Kein Fleisch. „Wir hatten selbst diese Vorurteile, dass man seinen Namen tanzen muss und so weiter. Aber so ist es nicht“, erzählt die Mutter, die selbst eine Regelschule besuchte und anschließend Betriebswirtschaft studierte. Das Konzept der Eurythmie und des bewegten Lernens erprobten die Eltern selbst – das sei durchaus herausfordernd gewesen. Die Schule habe einen großen Park und liege nahe dem Lainzer Tiergarten: „Für Buben wie unseren, die sich viel bewegen wollen, ist das schön.“ Vor allem ist Felix' Eltern wichtig, dass mit Spaß gelernt wird und die Gemeinschaft eine große Rolle spielt, denn Felix sei ein Einzelkind. Die Eltern könnten jederzeit zum Essen in die Schulkantine kommen und mitessen. Dort wird jeden Tag frisch gekocht: bio und ausschließlich vegetarisch.

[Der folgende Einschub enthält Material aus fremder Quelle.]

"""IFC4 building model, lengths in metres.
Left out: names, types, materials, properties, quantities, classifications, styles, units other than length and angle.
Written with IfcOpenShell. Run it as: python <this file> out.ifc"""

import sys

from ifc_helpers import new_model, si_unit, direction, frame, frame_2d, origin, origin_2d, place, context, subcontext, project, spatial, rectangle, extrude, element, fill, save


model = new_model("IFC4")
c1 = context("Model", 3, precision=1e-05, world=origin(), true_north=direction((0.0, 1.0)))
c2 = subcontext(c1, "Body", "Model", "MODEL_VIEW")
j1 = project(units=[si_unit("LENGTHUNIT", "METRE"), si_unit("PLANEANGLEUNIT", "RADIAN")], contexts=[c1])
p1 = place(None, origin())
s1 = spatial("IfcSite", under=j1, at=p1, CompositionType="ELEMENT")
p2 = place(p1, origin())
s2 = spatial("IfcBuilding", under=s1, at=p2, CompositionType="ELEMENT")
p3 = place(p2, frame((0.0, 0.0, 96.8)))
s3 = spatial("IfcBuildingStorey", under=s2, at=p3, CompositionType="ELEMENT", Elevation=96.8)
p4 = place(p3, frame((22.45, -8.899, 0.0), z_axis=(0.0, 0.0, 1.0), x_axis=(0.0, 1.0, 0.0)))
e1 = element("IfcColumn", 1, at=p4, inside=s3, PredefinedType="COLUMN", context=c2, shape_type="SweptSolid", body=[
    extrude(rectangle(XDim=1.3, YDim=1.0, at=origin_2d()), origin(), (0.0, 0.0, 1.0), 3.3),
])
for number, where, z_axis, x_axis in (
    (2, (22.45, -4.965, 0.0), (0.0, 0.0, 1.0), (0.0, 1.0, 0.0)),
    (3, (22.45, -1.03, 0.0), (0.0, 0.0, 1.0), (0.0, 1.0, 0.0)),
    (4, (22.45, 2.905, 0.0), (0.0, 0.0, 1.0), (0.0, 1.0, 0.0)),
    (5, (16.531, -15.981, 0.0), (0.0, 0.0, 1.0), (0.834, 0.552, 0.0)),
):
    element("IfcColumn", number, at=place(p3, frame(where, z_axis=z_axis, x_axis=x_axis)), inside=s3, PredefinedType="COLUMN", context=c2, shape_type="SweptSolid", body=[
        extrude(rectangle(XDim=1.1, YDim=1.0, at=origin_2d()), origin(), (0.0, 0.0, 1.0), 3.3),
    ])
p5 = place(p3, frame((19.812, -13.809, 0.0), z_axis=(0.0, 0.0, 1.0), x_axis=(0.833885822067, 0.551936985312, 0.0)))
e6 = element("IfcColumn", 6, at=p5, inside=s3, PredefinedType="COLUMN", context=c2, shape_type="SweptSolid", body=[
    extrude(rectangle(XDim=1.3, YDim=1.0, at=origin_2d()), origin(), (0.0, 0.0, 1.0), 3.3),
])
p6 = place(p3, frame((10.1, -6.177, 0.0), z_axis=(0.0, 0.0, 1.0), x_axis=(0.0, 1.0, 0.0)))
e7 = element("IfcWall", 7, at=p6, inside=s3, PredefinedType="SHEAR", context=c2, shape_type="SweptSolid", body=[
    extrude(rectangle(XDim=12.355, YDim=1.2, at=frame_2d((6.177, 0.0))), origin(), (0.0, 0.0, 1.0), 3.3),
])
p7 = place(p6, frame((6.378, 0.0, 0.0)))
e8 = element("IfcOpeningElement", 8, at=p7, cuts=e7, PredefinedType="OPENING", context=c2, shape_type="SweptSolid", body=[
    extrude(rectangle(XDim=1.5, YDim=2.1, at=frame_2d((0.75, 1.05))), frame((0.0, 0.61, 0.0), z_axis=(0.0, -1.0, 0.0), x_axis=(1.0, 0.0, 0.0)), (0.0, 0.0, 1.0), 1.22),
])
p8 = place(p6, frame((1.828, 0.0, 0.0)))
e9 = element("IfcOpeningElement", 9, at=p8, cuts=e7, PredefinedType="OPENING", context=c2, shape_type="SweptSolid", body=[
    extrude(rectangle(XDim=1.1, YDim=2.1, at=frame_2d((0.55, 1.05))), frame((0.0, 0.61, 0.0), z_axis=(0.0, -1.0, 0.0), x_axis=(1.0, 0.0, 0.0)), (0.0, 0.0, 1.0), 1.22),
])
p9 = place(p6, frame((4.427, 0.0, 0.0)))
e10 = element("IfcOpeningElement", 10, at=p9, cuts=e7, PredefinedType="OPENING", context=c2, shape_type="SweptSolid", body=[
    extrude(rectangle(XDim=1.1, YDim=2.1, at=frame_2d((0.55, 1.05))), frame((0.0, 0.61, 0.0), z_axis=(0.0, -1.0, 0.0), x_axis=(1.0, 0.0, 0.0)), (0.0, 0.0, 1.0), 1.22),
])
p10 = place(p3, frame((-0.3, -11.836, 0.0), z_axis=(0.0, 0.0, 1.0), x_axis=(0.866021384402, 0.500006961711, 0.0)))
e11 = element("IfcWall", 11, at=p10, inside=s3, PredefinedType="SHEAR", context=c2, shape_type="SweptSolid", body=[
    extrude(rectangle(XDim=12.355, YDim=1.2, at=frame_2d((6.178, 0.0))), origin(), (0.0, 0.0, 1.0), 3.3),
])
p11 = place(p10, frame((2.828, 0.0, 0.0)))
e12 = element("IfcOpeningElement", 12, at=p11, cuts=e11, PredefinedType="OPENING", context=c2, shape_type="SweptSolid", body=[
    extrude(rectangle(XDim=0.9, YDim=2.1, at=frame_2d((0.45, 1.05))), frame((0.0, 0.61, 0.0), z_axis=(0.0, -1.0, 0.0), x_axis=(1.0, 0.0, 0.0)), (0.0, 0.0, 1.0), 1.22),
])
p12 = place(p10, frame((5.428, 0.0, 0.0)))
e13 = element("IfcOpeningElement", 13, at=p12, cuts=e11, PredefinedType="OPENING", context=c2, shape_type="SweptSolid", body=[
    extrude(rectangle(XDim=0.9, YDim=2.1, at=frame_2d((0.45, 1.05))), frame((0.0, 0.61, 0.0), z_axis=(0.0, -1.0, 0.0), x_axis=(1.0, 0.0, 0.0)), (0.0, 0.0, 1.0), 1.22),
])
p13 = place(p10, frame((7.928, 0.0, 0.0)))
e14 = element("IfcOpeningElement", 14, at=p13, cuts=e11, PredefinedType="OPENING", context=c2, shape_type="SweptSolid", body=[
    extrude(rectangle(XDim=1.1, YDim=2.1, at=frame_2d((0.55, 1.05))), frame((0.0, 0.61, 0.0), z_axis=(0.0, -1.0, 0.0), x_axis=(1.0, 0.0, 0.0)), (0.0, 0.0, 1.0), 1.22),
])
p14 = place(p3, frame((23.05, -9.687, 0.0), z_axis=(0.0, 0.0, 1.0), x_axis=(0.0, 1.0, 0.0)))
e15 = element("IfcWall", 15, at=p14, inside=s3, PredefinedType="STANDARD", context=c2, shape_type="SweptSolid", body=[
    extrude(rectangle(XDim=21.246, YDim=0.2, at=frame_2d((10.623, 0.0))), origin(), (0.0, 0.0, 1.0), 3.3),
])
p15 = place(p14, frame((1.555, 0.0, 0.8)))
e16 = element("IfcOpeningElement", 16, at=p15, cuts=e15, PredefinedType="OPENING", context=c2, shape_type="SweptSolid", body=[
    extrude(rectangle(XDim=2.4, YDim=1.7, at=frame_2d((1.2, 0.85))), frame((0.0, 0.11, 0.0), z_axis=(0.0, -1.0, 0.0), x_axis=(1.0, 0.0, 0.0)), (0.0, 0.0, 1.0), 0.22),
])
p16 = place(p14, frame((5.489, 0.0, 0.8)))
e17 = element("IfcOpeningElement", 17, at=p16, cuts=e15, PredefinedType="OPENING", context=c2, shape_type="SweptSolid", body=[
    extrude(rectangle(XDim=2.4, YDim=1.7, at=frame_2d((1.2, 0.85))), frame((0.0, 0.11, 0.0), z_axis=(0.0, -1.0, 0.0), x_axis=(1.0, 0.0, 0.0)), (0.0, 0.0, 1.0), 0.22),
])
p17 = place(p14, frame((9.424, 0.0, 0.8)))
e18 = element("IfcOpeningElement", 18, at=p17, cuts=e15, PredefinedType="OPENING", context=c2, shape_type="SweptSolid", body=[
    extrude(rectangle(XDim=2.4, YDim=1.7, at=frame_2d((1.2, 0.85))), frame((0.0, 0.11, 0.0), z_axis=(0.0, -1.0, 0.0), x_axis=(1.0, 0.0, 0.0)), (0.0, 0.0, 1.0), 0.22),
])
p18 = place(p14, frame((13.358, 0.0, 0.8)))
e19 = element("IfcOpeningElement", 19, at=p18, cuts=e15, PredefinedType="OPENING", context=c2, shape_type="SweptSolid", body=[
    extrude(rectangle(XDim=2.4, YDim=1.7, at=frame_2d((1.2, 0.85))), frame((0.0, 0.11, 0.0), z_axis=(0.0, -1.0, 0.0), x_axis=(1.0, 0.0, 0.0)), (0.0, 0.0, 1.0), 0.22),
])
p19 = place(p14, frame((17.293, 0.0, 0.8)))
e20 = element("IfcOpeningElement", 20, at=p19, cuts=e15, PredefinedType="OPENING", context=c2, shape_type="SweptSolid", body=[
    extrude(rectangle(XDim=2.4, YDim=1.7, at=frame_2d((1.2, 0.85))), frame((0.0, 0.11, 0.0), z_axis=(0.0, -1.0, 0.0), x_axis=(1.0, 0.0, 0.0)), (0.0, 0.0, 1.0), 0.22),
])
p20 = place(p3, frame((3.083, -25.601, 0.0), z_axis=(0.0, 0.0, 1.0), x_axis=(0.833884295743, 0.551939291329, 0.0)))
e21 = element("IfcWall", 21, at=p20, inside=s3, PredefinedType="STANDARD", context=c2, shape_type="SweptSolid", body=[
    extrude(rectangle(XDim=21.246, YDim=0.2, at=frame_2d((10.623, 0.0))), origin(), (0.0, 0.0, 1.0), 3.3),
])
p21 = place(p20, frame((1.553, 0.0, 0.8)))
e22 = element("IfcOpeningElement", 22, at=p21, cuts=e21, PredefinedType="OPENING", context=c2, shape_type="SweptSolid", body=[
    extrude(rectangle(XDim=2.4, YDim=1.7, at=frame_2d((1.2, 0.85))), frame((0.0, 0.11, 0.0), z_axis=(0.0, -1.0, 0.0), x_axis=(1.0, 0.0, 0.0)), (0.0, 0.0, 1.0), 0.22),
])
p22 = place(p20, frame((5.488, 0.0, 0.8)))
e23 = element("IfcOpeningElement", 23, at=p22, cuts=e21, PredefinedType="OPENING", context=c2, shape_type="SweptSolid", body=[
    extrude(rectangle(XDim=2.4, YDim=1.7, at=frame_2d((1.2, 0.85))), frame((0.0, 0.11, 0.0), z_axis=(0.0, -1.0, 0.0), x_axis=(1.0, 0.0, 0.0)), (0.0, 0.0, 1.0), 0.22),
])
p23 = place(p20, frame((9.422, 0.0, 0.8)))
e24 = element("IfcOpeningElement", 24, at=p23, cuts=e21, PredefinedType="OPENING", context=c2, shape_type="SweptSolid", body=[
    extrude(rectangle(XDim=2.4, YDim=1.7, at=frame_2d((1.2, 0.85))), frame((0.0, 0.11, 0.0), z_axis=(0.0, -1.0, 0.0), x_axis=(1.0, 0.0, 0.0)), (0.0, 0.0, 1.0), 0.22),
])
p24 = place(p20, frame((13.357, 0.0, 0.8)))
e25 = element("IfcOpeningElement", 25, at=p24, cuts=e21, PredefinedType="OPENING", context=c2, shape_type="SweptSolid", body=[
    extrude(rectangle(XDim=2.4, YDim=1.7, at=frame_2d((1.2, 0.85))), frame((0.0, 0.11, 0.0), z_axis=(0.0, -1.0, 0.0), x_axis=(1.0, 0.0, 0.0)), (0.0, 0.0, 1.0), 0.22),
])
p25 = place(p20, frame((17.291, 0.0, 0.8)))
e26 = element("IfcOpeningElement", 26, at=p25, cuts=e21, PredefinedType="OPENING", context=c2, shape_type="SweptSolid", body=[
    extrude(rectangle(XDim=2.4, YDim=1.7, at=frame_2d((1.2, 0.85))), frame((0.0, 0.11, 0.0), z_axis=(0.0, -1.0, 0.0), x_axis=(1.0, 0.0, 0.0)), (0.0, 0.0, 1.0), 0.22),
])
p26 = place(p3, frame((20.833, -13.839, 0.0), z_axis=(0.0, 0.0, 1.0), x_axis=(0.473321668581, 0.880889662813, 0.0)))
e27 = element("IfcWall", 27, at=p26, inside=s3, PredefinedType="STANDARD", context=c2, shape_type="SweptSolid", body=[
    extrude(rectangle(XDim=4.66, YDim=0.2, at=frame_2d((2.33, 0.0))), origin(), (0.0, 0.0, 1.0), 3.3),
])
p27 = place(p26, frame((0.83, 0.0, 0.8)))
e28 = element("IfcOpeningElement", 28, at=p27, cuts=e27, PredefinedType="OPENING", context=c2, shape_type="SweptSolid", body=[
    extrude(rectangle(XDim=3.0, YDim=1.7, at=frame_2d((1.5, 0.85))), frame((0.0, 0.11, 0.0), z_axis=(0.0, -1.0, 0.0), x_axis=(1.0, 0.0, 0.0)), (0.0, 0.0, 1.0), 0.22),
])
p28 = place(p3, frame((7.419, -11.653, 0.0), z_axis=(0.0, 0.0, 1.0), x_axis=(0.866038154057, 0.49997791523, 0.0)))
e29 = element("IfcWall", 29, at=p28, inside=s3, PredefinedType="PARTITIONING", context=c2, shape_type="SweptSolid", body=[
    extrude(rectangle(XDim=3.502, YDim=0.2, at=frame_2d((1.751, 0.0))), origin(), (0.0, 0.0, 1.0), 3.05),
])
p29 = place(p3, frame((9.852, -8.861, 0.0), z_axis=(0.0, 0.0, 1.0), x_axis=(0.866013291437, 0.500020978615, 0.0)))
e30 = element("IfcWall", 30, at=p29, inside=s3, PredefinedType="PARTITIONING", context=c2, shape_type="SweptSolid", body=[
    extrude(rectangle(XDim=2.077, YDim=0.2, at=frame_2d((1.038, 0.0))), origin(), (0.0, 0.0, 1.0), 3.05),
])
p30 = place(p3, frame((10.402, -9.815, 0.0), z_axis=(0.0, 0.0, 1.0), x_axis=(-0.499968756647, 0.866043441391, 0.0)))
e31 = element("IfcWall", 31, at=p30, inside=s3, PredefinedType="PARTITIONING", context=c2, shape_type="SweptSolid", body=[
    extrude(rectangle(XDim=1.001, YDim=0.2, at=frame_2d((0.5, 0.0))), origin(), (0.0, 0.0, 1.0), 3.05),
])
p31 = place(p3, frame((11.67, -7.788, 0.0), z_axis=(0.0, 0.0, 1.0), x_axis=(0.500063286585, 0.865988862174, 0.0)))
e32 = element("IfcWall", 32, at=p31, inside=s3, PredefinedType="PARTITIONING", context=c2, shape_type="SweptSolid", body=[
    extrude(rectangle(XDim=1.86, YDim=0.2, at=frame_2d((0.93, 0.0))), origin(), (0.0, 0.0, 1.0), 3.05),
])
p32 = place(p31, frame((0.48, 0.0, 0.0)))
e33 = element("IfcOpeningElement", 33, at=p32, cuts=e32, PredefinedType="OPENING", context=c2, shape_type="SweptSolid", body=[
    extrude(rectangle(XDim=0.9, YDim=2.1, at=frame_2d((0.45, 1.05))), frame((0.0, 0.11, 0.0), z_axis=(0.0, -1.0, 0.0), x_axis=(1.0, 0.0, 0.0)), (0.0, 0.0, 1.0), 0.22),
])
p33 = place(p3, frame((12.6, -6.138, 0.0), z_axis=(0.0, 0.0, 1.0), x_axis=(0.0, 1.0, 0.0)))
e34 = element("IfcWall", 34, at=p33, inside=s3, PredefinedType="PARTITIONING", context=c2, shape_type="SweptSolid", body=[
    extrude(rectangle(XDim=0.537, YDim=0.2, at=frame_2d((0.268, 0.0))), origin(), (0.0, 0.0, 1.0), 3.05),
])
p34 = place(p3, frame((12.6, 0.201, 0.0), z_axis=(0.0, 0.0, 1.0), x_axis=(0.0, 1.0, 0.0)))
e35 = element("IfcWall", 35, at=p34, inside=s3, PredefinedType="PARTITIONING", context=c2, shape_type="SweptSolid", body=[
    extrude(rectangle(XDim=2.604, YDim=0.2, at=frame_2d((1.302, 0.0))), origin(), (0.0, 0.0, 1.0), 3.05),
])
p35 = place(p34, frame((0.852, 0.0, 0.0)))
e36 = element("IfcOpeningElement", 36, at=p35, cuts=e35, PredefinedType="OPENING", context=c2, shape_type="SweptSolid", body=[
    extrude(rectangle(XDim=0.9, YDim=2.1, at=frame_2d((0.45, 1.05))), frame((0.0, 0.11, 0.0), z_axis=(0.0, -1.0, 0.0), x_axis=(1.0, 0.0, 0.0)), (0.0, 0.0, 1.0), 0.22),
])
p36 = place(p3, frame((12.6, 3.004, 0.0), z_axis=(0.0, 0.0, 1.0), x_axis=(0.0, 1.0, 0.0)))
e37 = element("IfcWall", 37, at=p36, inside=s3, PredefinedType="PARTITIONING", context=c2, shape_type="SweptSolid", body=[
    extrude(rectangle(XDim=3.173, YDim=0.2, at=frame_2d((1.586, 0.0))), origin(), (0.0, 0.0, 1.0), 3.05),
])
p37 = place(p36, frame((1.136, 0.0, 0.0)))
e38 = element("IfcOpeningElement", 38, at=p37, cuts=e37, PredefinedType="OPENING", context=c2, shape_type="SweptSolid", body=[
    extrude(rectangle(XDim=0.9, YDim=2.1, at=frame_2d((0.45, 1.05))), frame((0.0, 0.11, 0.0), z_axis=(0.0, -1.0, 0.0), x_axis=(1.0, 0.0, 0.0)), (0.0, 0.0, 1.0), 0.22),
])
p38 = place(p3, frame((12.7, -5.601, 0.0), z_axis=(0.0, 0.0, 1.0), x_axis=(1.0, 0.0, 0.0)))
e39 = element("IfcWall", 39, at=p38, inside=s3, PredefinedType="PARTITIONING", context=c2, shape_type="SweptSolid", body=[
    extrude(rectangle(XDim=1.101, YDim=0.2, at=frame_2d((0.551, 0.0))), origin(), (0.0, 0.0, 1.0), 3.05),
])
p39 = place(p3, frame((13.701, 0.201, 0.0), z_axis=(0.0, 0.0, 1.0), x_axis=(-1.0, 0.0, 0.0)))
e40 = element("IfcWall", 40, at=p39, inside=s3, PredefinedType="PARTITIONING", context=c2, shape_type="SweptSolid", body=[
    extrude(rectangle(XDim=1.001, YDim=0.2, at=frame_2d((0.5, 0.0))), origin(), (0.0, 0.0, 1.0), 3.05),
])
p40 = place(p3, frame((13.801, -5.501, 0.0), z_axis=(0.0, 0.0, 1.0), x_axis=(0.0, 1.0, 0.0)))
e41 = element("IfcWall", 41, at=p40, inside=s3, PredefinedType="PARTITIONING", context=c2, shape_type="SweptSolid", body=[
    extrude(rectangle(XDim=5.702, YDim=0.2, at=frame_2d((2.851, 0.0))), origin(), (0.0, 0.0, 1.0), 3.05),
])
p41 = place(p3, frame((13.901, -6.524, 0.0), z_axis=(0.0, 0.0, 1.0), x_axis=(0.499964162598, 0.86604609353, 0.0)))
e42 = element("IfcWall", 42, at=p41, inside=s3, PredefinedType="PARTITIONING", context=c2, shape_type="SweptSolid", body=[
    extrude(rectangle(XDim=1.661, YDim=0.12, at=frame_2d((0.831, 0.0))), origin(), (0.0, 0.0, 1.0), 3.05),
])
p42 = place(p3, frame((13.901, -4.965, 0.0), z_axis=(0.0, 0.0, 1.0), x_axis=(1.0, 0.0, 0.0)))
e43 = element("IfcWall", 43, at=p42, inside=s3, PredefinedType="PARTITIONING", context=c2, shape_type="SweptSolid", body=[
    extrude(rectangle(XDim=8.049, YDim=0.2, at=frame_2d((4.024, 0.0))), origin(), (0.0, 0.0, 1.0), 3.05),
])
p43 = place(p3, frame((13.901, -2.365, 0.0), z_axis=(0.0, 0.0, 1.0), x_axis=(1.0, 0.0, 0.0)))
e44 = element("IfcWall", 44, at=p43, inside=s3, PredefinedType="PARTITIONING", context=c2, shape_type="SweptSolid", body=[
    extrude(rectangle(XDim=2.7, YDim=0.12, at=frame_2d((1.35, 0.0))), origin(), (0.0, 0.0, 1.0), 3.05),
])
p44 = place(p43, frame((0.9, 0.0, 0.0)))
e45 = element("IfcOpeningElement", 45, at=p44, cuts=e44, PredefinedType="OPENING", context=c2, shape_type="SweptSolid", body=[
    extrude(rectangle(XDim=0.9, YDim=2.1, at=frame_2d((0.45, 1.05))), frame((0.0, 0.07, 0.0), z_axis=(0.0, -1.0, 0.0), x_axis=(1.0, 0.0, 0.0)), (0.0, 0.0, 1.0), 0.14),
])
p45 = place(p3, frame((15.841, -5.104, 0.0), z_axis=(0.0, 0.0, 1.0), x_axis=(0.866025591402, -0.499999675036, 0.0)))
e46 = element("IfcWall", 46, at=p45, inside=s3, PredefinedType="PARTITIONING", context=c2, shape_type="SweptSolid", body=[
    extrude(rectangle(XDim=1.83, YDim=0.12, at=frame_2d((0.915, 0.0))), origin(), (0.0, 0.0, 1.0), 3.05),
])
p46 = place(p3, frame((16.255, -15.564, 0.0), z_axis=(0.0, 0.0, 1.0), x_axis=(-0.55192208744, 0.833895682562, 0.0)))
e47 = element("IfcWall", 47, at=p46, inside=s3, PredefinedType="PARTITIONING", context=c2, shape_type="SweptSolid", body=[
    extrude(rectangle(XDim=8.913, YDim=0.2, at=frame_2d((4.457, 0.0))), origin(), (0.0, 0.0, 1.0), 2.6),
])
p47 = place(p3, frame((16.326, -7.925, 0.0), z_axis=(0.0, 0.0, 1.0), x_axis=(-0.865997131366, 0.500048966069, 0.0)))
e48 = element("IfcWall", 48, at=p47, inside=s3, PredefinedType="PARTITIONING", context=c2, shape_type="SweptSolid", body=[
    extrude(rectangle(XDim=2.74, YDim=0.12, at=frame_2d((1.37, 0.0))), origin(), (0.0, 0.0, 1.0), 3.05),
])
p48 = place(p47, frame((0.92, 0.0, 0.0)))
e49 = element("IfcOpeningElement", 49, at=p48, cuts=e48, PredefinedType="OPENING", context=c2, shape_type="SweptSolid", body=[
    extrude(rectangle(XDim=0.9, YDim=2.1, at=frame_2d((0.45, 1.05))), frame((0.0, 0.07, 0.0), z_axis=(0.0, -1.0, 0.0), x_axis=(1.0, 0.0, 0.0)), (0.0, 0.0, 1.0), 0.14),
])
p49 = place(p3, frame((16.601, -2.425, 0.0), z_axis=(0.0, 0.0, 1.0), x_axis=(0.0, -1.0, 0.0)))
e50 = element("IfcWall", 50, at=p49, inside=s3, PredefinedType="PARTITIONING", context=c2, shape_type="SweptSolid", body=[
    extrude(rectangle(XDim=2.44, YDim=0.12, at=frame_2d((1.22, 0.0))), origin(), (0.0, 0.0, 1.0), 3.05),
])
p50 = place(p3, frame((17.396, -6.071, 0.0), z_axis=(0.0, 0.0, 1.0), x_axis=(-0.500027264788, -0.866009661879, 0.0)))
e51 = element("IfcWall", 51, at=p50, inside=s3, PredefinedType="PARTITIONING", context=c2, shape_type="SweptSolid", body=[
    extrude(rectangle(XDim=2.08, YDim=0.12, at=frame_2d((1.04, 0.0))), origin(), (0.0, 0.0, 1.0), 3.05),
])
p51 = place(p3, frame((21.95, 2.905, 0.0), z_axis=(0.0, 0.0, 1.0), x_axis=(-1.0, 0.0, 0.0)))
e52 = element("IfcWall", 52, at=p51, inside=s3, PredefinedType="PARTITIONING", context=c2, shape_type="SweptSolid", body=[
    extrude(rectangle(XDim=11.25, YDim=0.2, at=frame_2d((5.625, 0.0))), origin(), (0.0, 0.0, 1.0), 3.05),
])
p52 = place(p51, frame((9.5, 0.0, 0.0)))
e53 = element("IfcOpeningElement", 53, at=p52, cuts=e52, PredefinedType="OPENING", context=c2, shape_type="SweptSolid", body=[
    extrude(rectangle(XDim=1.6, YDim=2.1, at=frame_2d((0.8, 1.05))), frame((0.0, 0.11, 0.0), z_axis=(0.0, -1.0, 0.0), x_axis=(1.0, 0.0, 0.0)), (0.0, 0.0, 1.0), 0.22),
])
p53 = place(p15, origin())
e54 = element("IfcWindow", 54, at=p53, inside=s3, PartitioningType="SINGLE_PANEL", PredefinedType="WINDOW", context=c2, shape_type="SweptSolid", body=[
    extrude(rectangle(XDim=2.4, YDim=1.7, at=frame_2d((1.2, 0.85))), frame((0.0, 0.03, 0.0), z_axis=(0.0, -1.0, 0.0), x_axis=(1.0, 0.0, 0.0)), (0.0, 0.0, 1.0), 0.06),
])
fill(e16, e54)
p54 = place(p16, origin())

Mit Noten an sich hätten sie kein Problem, aber dass es stattdessen an der Waldorfschule einen detaillierten Bericht über die Stärken und Schwächen der Kinder gebe, finden die Gehls besser. Monatlich wird die Familie rund 480 Euro Elternbeitrag zahlen. Für weniger betuchte Eltern gibt es Vergünstigungen. „Uns gefällt der ausgleichende soziale Gedanke, weil wir keine Eliteschule wollen“, sagt der 41-jährige Vater, der in führender Position bei einem internationalen Konzern arbeitet. Dass der Staat die Lehrerkosten nicht trägt, findet er aber empörend.

In Zahlen

35.725

Taferlklassler

starten am Montag in Wien, Niederösterreich und dem Burgenland ihre Schullaufbahn.

48.092

Schulanfänger
gibt es eine Woche später in den übrigen Bundesländern.